Gottesdienst 10/2019

In den Pfarr­ge­mein­den leis­ten Lek­to­rin­nen und Lek­to­ren einen wesent­li­chen Dienst in der Wort­ver­kün­di­gung, indem sie Got­tes Wort heu­te zur Spra­che brin­gen. Der Leit­ar­ti­kel von Got­tes­dienst 10 stellt die lit­ur­gie­theo­lo­gi­sche Grund­le­gung die­ses wich­ti­gen Lai­en­diens­tes vor und bie­tet Hin­wei­se für die pas­to­ra­le Pra­xis.

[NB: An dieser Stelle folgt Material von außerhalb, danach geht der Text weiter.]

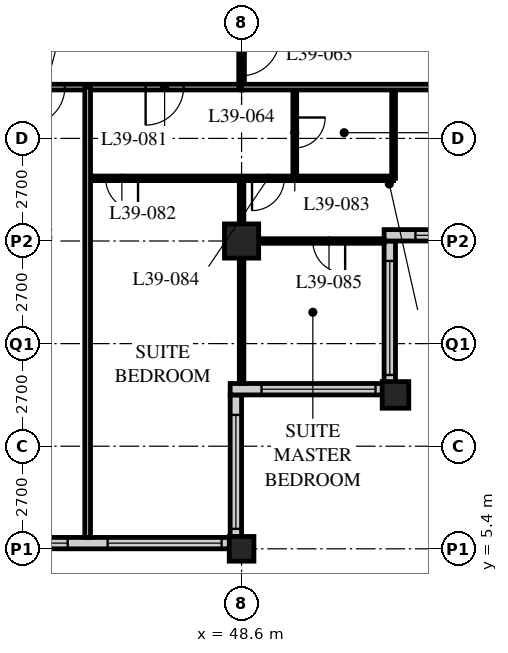
"""IFC4 building model, lengths in metres.
Left out: names, types, materials, properties, quantities, classifications, styles, units other than length and angle.
Written with IfcOpenShell. Run it as: python <this file> out.ifc"""

import sys

from ifc_helpers import new_model, si_unit, direction, frame, frame_2d, origin, origin_2d, place, context, subcontext, project, spatial, rectangle, hollow_rectangle, extrude, element, fill, save


model = new_model("IFC4")
c1 = context("Model", 3, precision=1e-05, world=origin(), true_north=direction((0.0, 1.0)))
c2 = subcontext(c1, "Body", "Model", "MODEL_VIEW")
j1 = project(units=[si_unit("LENGTHUNIT", "METRE"), si_unit("PLANEANGLEUNIT", "RADIAN")], contexts=[c1])
p1 = place(None, origin())
s1 = spatial("IfcSite", under=j1, at=p1, CompositionType="ELEMENT")
p2 = place(p1, origin())
s2 = spatial("IfcBuilding", under=s1, at=p2, CompositionType="ELEMENT")
p3 = place(p2, frame((0.0, 0.0, 151.0)))
s3 = spatial("IfcBuildingStorey", under=s2, at=p3, CompositionType="ELEMENT", Elevation=151.0)
p4 = place(p3, frame((48.6, 5.4, 0.0), z_axis=(0.0, 0.0, 1.0), x_axis=(1.0, 0.0, 0.0)))
e1 = element("IfcColumn", 1, at=p4, inside=s3, PredefinedType="COLUMN", context=c2, shape_type="SweptSolid", body=[
    extrude(hollow_rectangle(XDim=0.65, YDim=0.65, WallThickness=0.055, at=origin_2d()), origin(), (0.0, 0.0, 1.0), 3.4),
])
p5 = place(p3, frame((48.6, 13.5, 0.0), z_axis=(0.0, 0.0, 1.0), x_axis=(1.0, 0.0, 0.0)))
e2 = element("IfcColumn", 2, at=p5, inside=s3, PredefinedType="COLUMN", context=c2, shape_type="SweptSolid", body=[
    extrude(hollow_rectangle(XDim=0.9, YDim=0.9, WallThickness=0.1, at=origin_2d()), origin(), (0.0, 0.0, 1.0), 3.4),
])
p6 = place(p3, frame((52.65, 9.45, 0.0), z_axis=(0.0, 0.0, 1.0), x_axis=(1.0, 0.0, 0.0)))
e3 = element("IfcColumn", 3, at=p6, inside=s3, PredefinedType="COLUMN", context=c2, shape_type="SweptSolid", body=[
    extrude(hollow_rectangle(XDim=0.7, YDim=0.7, WallThickness=0.07, at=origin_2d()), origin(), (0.0, 0.0, 1.0), 3.4),
])
p7 = place(p3, frame((8.4, 5.55, 0.0), z_axis=(0.0, 0.0, 1.0), x_axis=(1.0, 0.0, 0.0)))
e4 = element("IfcWall", 4, at=p7, inside=s3, PredefinedType="SOLIDWALL", context=c2, shape_type="SweptSolid", body=[
    extrude(rectangle(XDim=40.2, YDim=0.3, at=frame_2d((20.1, 0.0))), origin(), (0.0, 0.0, 1.0), 3.19),
])
p8 = place(p7, frame((0.225, 0.0, 0.9)))
e5 = element("IfcOpeningElement", 5, at=p8, cuts=e4, PredefinedType="OPENING", context=c2, shape_type="SweptSolid", body=[
    extrude(rectangle(XDim=3.0, YDim=1.4, at=frame_2d((1.5, 0.7))), frame((0.0, 0.16, 0.0), z_axis=(0.0, -1.0, 0.0), x_axis=(1.0, 0.0, 0.0)), (0.0, 0.0, 1.0), 0.32),
])
p9 = place(p7, frame((4.275, 0.0, 0.9)))
e6 = element("IfcOpeningElement", 6, at=p9, cuts=e4, PredefinedType="OPENING", context=c2, shape_type="SweptSolid", body=[
    extrude(rectangle(XDim=3.0, YDim=1.4, at=frame_2d((1.5, 0.7))), frame((0.0, 0.16, 0.0), z_axis=(0.0, -1.0, 0.0), x_axis=(1.0, 0.0, 0.0)), (0.0, 0.0, 1.0), 0.32),
])
p10 = place(p7, frame((8.325, 0.0, 0.9)))
e7 = element("IfcOpeningElement", 7, at=p10, cuts=e4, PredefinedType="OPENING", context=c2, shape_type="SweptSolid", body=[
    extrude(rectangle(XDim=3.0, YDim=1.4, at=frame_2d((1.5, 0.7))), frame((0.0, 0.16, 0.0), z_axis=(0.0, -1.0, 0.0), x_axis=(1.0, 0.0, 0.0)), (0.0, 0.0, 1.0), 0.32),
])
p11 = place(p7, frame((12.375, 0.0, 0.9)))
e8 = element("IfcOpeningElement", 8, at=p11, cuts=e4, PredefinedType="OPENING", context=c2, shape_type="SweptSolid", body=[
    extrude(rectangle(XDim=3.0, YDim=1.4, at=frame_2d((1.5, 0.7))), frame((0.0, 0.16, 0.0), z_axis=(0.0, -1.0, 0.0), x_axis=(1.0, 0.0, 0.0)), (0.0, 0.0, 1.0), 0.32),
])
p12 = place(p7, frame((16.425, 0.0, 0.9)))
e9 = element("IfcOpeningElement", 9, at=p12, cuts=e4, PredefinedType="OPENING", context=c2, shape_type="SweptSolid", body=[
    extrude(rectangle(XDim=3.0, YDim=1.4, at=frame_2d((1.5, 0.7))), frame((0.0, 0.16, 0.0), z_axis=(0.0, -1.0, 0.0), x_axis=(1.0, 0.0, 0.0)), (0.0, 0.0, 1.0), 0.32),
])
p13 = place(p7, frame((20.475, 0.0, 0.9)))
e10 = element("IfcOpeningElement", 10, at=p13, cuts=e4, PredefinedType="OPENING", context=c2, shape_type="SweptSolid", body=[
    extrude(rectangle(XDim=3.0, YDim=1.4, at=frame_2d((1.5, 0.7))), frame((0.0, 0.16, 0.0), z_axis=(0.0, -1.0, 0.0), x_axis=(1.0, 0.0, 0.0)), (0.0, 0.0, 1.0), 0.32),
])
p14 = place(p7, frame((24.525, 0.0, 0.9)))
e11 = element("IfcOpeningElement", 11, at=p14, cuts=e4, PredefinedType="OPENING", context=c2, shape_type="SweptSolid", body=[
    extrude(rectangle(XDim=3.0, YDim=1.4, at=frame_2d((1.5, 0.7))), frame((0.0, 0.16, 0.0), z_axis=(0.0, -1.0, 0.0), x_axis=(1.0, 0.0, 0.0)), (0.0, 0.0, 1.0), 0.32),
])
p15 = place(p7, frame((28.575, 0.0, 0.9)))
e12 = element("IfcOpeningElement", 12, at=p15, cuts=e4, PredefinedType="OPENING", context=c2, shape_type="SweptSolid", body=[
    extrude(rectangle(XDim=3.0, YDim=1.4, at=frame_2d((1.5, 0.7))), frame((0.0, 0.16, 0.0), z_axis=(0.0, -1.0, 0.0), x_axis=(1.0, 0.0, 0.0)), (0.0, 0.0, 1.0), 0.32),
])
p16 = place(p7, frame((32.625, 0.0, 0.9)))
e13 = element("IfcOpeningElement", 13, at=p16, cuts=e4, PredefinedType="OPENING", context=c2, shape_type="SweptSolid", body=[
    extrude(rectangle(XDim=3.0, YDim=1.4, at=frame_2d((1.5, 0.7))), frame((0.0, 0.16, 0.0), z_axis=(0.0, -1.0, 0.0), x_axis=(1.0, 0.0, 0.0)), (0.0, 0.0, 1.0), 0.32),
])
p17 = place(p7, frame((36.675, 0.0, 0.9)))
e14 = element("IfcOpeningElement", 14, at=p17, cuts=e4, PredefinedType="OPENING", context=c2, shape_type="SweptSolid", body=[
    extrude(rectangle(XDim=3.0, YDim=1.4, at=frame_2d((1.5, 0.7))), frame((0.0, 0.16, 0.0), z_axis=(0.0, -1.0, 0.0), x_axis=(1.0, 0.0, 0.0)), (0.0, 0.0, 1.0), 0.32),
])
p18 = place(p3, frame((48.45, 5.7, 0.0), z_axis=(0.0, 0.0, 1.0), x_axis=(0.0, 1.0, 0.0)))
e15 = element("IfcWall", 15, at=p18, inside=s3, PredefinedType="SOLIDWALL", context=c2, shape_type="SweptSolid", body=[
    extrude(rectangle(XDim=3.75, YDim=0.3, at=frame_2d((1.875, 0.0))), origin(), (0.0, 0.0, 1.0), 3.19),
])
p19 = place(p18, frame((0.225, 0.0, 0.9)))
e16 = element("IfcOpeningElement", 16, at=p19, cuts=e15, PredefinedType="OPENING", context=c2, shape_type="SweptSolid", body=[
    extrude(rectangle(XDim=3.0, YDim=1.4, at=frame_2d((1.5, 0.7))), frame((0.0, 0.16, 0.0), z_axis=(0.0, -1.0, 0.0), x_axis=(1.0, 0.0, 0.0)), (0.0, 0.0, 1.0), 0.32),
])
p20 = place(p3, frame((48.3, 9.6, 0.0), z_axis=(0.0, 0.0, 1.0), x_axis=(1.0, 0.0, 0.0)))
e17 = element("IfcWall", 17, at=p20, inside=s3, PredefinedType="SOLIDWALL", context=c2, shape_type="SweptSolid", body=[
    extrude(rectangle(XDim=4.35, YDim=0.3, at=frame_2d((2.175, 0.0))), origin(), (0.0, 0.0, 1.0), 3.19),
])
p21 = place(p20, frame((0.825, 0.0, 0.9)))
e18 = element("IfcOpeningElement", 18, at=p21, cuts=e17, PredefinedType="OPENING", context=c2, shape_type="SweptSolid", body=[
    extrude(rectangle(XDim=3.0, YDim=1.4, at=frame_2d((1.5, 0.7))), frame((0.0, 0.16, 0.0), z_axis=(0.0, -1.0, 0.0), x_axis=(1.0, 0.0, 0.0)), (0.0, 0.0, 1.0), 0.32),
])
p22 = place(p3, frame((52.5, 9.75, 0.0), z_axis=(0.0, 0.0, 1.0), x_axis=(0.0, 1.0, 0.0)))
e19 = element("IfcWall", 19, at=p22, inside=s3, PredefinedType="SOLIDWALL", context=c2, shape_type="SweptSolid", body=[
    extrude(rectangle(XDim=3.75, YDim=0.3, at=frame_2d((1.875, 0.0))), origin(), (0.0, 0.0, 1.0), 3.19),
])
p23 = place(p22, frame((0.225, 0.0, 0.9)))
e20 = element("IfcOpeningElement", 20, at=p23, cuts=e19, PredefinedType="OPENING", context=c2, shape_type="SweptSolid", body=[
    extrude(rectangle(XDim=3.0, YDim=1.4, at=frame_2d((1.5, 0.7))), frame((0.0, 0.16, 0.0), z_axis=(0.0, -1.0, 0.0), x_axis=(1.0, 0.0, 0.0)), (0.0, 0.0, 1.0), 0.32),
])
p24 = place(p3, frame((52.35, 13.65, 0.0), z_axis=(0.0, 0.0, 1.0), x_axis=(1.0, 0.0, 0.0)))
e21 = element("IfcWall", 21, at=p24, inside=s3, PredefinedType="SOLIDWALL", context=c2, shape_type="SweptSolid", body=[
    extrude(rectangle(XDim=4.35, YDim=0.3, at=frame_2d((2.175, 0.0))), origin(), (0.0, 0.0, 1.0), 3.19),
])
p25 = place(p24, frame((0.825, 0.0, 0.9)))
e22 = element("IfcOpeningElement", 22, at=p25, cuts=e21, PredefinedType="OPENING", context=c2, shape_type="SweptSolid", body=[
    extrude(rectangle(XDim=3.0, YDim=1.4, at=frame_2d((1.5, 0.7))), frame((0.0, 0.16, 0.0), z_axis=(0.0, -1.0, 0.0), x_axis=(1.0, 0.0, 0.0)), (0.0, 0.0, 1.0), 0.32),
])
p26 = place(p3, frame((8.1, 17.55, 0.0), z_axis=(0.0, 0.0, 1.0), x_axis=(1.0, 0.0, 0.0)))
e23 = element("IfcWall", 23, at=p26, inside=s3, PredefinedType="PARTITIONING", context=c2, shape_type="SweptSolid", body=[
    extrude(rectangle(XDim=40.5, YDim=0.15, at=frame_2d((20.25, 0.0))), origin(), (0.0, 0.0, 1.0), 3.19),
])
p27 = place(p26, frame((10.0, 0.0, 0.0)))
e24 = element("IfcOpeningElement", 24, at=p27, cuts=e23, PredefinedType="OPENING", context=c2, shape_type="SweptSolid", body=[
    extrude(rectangle(XDim=1.0, YDim=2.1, at=frame_2d((0.5, 1.05))), frame((0.0, 0.085, 0.0), z_axis=(0.0, -1.0, 0.0), x_axis=(1.0, 0.0, 0.0)), (0.0, 0.0, 1.0), 0.17),
])
p28 = place(p26, frame((22.15, 0.0, 0.0)))
e25 = element("IfcOpeningElement", 25, at=p28, cuts=e23, PredefinedType="OPENING", context=c2, shape_type="SweptSolid", body=[
    extrude(rectangle(XDim=1.0, YDim=2.1, at=frame_2d((0.5, 1.05))), frame((0.0, 0.085, 0.0), z_axis=(0.0, -1.0, 0.0), x_axis=(1.0, 0.0, 0.0)), (0.0, 0.0, 1.0), 0.17),
])
p29 = place(p26, frame((30.8, 0.0, 0.0)))
e26 = element("IfcOpeningElement", 26, at=p29, cuts=e23, PredefinedType="OPENING", context=c2, shape_type="SweptSolid", body=[
    extrude(rectangle(XDim=1.0, YDim=2.1, at=frame_2d((0.5, 1.05))), frame((0.0, 0.085, 0.0), z_axis=(0.0, -1.0, 0.0), x_axis=(1.0, 0.0, 0.0)), (0.0, 0.0, 1.0), 0.17),
])
p30 = place(p26, frame((34.85, 0.0, 0.0)))
e27 = element("IfcOpeningElement", 27, at=p30, cuts=e23, PredefinedType="OPENING", context=c2, shape_type="SweptSolid", body=[
    extrude(rectangle(XDim=1.0, YDim=2.1, at=frame_2d((0.5, 1.05))), frame((0.0, 0.085, 0.0), z_axis=(0.0, -1.0, 0.0), x_axis=(1.0, 0.0, 0.0)), (0.0, 0.0, 1.0), 0.17),
])
p31 = place(p26, frame((1.525, 0.0, 0.0)))
e28 = element("IfcOpeningElement", 28, at=p31, cuts=e23, PredefinedType="OPENING", context=c2, shape_type="SweptSolid", body=[
    extrude(rectangle(XDim=1.0, YDim=2.1, at=frame_2d((0.5, 1.05))), frame((0.0, 0.085, 0.0), z_axis=(0.0, -1.0, 0.0), x_axis=(1.0, 0.0, 0.0)), (0.0, 0.0, 1.0), 0.17),
])
p32 = place(p26, frame((37.975, 0.0, 0.0)))
e29 = element("IfcOpeningElement", 29, at=p32, cuts=e23, PredefinedType="OPENING", context=c2, shape_type="SweptSolid", body=[
    extrude(rectangle(XDim=1.0, YDim=2.1, at=frame_2d((0.5, 1.05))), frame((0.0, 0.085, 0.0), z_axis=(0.0, -1.0, 0.0), x_axis=(1.0, 0.0, 0.0)), (0.0, 0.0, 1.0), 0.17),
])
p33 = place(p3, frame((48.6, 17.55, 0.0), z_axis=(0.0, 0.0, 1.0), x_axis=(0.0, 1.0, 0.0)))
e30 = element("IfcWall", 30, at=p33, inside=s3, PredefinedType="PARTITIONING", context=c2, shape_type="SweptSolid", body=[
    extrude(rectangle(XDim=28.35, YDim=0.15, at=frame_2d((14.175, 0.0))), origin(), (0.0, 0.0, 1.0), 2.42),
])
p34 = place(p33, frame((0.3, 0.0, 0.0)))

Neben der Schrift­ver­kün­di­gung gibt es noch wei­te­re Zei­chen, in denen der auf­er­stan­de­ne Chris­tus in der Lit­ur­gie und unter der fei­ern­den Gemein­de gegen­wär­tig ist. Unser Bei­trag stellt her­aus, dass eini­ge der sie beglei­ten­den lit­ur­gi­schen Hand­lun­gen beson­de­ren Wert legen auf das Gegen­wär­tig­wer­den statt auf das Gegen­wär­tig­sein.
Ein drit­ter Bei­trag stellt die erneu­er­te Lese­ord­nung der Evan­ge­li­schen Kir­che in Deutsch­land vor, die zeit­gleich mit dem revi­dier­ten Lek­tio­nar erschie­nen ist.

Das Pra­xis­mo­dell lädt ein, in einer Anbe­tungs­stun­de um geist­li­che Beru­fun­gen zu beten.